We are looking to move some furniture back from Moraira to the Uk. Can anyone recommend a way of doing this that's not too costly ?? 

Angie:confused2:


----------



## xicoalc (Apr 20, 2010)

I have used, as have many family and friends Movers International (google them). They are a solid quality removers with a very professional service and reasonable fees! They have moved me, family and lots of people i have known and not only done it at a good rate but always on time, professional in their packing and service and always without incident.


----------



## Angelawilde (Mar 28, 2014)

Thank you Xicoalc for your speedy reply - I will google tonight !!!


----------



## alborino (Dec 13, 2014)

Angela we have load going other way in 2 months or so. Do you have flexibility on when and do you know the approx. cubic capacity? Not much chance of synergy but shame to miss an opportunity if there is a match 

We can do this by pm as soon as you have enough posts to do so. I think you might only need one more (or poss. it is ten). Cheers


----------



## Angelawilde (Mar 28, 2014)

Thank you so much Alborino .... We will know more when we fly to Moraira at Easter ! We are hoping to buy some small items of furniture to keep in the UK until our move .... I know it sounds a little crazy but there is a method in the madness!! Will this be too late for you ?

Angie


----------



## On-the-move (May 26, 2014)

Angelawilde said:


> Thank you so much Alborino .... We will know more when we fly to Moraira at Easter ! We are hoping to buy some small items of furniture to keep in the UK until our move .... I know it sounds a little crazy but there is a method in the madness!! Will this be too late for you ?
> 
> Angie


Hi Angie, 

I am wanting furniture ect, taking over to Spain sometime middle of May/early June. I think the most economic way might be to find someone who has their own van and does the trips, then if possible team up with someone needing opposite way to you and share the cost. 
I have seen someone advertising Spain runs on Ebay, also some of the private couriers do it. 
What dates are you needing? and where in the UK are you going? If you would like to discuss further, let me know. 

Regards 

Sharon.


----------



## Angelawilde (Mar 28, 2014)

Hi Sharon 
We are going out at easter to buy a few bits (hopefully) . We will discuss with the shop about them storing until the goods can be picked up . We are in Hertfordshie (potters bar ). Where are you taking furniture to ?? 

Kind regards 
Angie


----------



## On-the-move (May 26, 2014)

Angelawilde said:


> Hi Sharon
> We are going out at easter to buy a few bits (hopefully) . We will discuss with the shop about them storing until the goods can be picked up . We are in Hertfordshie (potters bar ).
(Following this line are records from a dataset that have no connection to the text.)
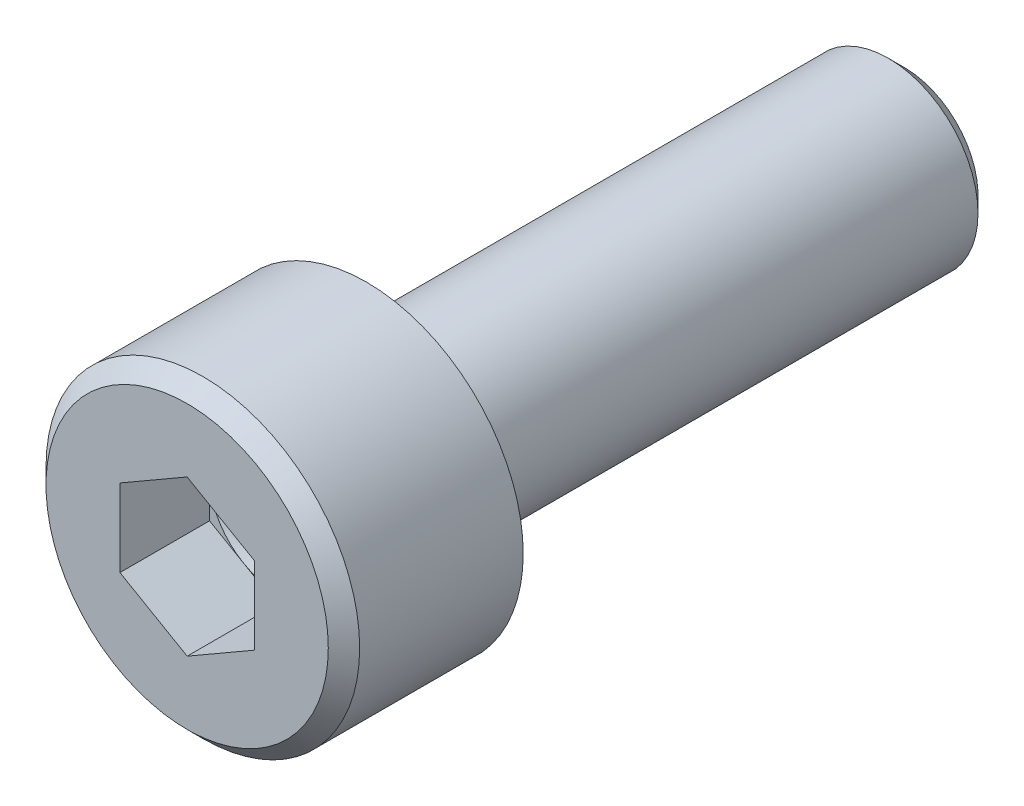
from build123d import *

# Parameters (mm, degrees)
SKETCH_1_W          = 3.5
SKETCH_1_H          = 4
SKETCH_2_R          = 2
EXTRUDE_1_DEPTH     = 12
CUT_EXTRUDE_1_DEPTH = 2
CHAMFER_1_SIZE      = 0.35


with BuildPart() as part:
    # 草图1 → 旋转1 (revolve)
    with BuildSketch(Plane(origin=(0, 0, 0), x_dir=(1, 0, 0), z_dir=(0, 1, 0))):
        with Locations((1.75, -2)):
            Rectangle(SKETCH_1_W, SKETCH_1_H)
    revolve(axis=Axis((0, 0, 0), (0, 0, 1)))

    # 草图2 → 凸台-拉伸1 (add)
    with BuildSketch(Plane(origin=(0, 0, 0), x_dir=(-1, 0, 0), z_dir=(0, 0, -1))):
        Circle(SKETCH_2_R)
    extrude(amount=EXTRUDE_1_DEPTH)

    # 草图3 → 切除-拉伸1 (cut)
    with BuildSketch(Plane.XY.offset(4)):
        Polygon((1.5, -0.866025404), (1.5, 0.866025404), (0, 1.732050808), (-1.5, 0.866025404), (-1.5, -0.866025404), (0, -1.732050808), align=None)
    extrude(amount=-CUT_EXTRUDE_1_DEPTH, mode=Mode.SUBTRACT)

    # 草图4 → 切除-旋转1 (revolve, cut)
    with BuildSketch(Plane.XZ, mode=Mode.PRIVATE) as cut_revolve_1_sk:
        Polygon((1.5, 2), (0, 2), (0, 1.133974596), align=None)
    revolve(cut_revolve_1_sk.sketch.rotate(Axis((0, 0, 2), (0, 0, -1)), 90), axis=Axis((0, 0, 2), (0, 0, -1)), mode=Mode.SUBTRACT)

    # 倒角1
    chamfer_1_edges = [part.edges().sort_by_distance(p)[0] for p in [
        (-3.5, 0, 4),
        (2, 0, -12),
    ]]
    chamfer(chamfer_1_edges, length=CHAMFER_1_SIZE)


solid = part.part

Where are you taking furniture to ??
> 
> Kind regards
> Angie


Hi Angie, 

I am in Lancashire and taking furniture over to Malaga area, not sure how the logistics would pan out financially, as were quite away from each other in both countries. Depends on how much you are bringing back, I will need LWB Van or Luton, but if you only need a small van to fill, it may be worth asking round locally, as someone may be moving back to UK with some spare space that needs filling. 
Good luck, if I find good courier or get a reasonable qoute, I will let you know. 

Regards 
Sharon.


----------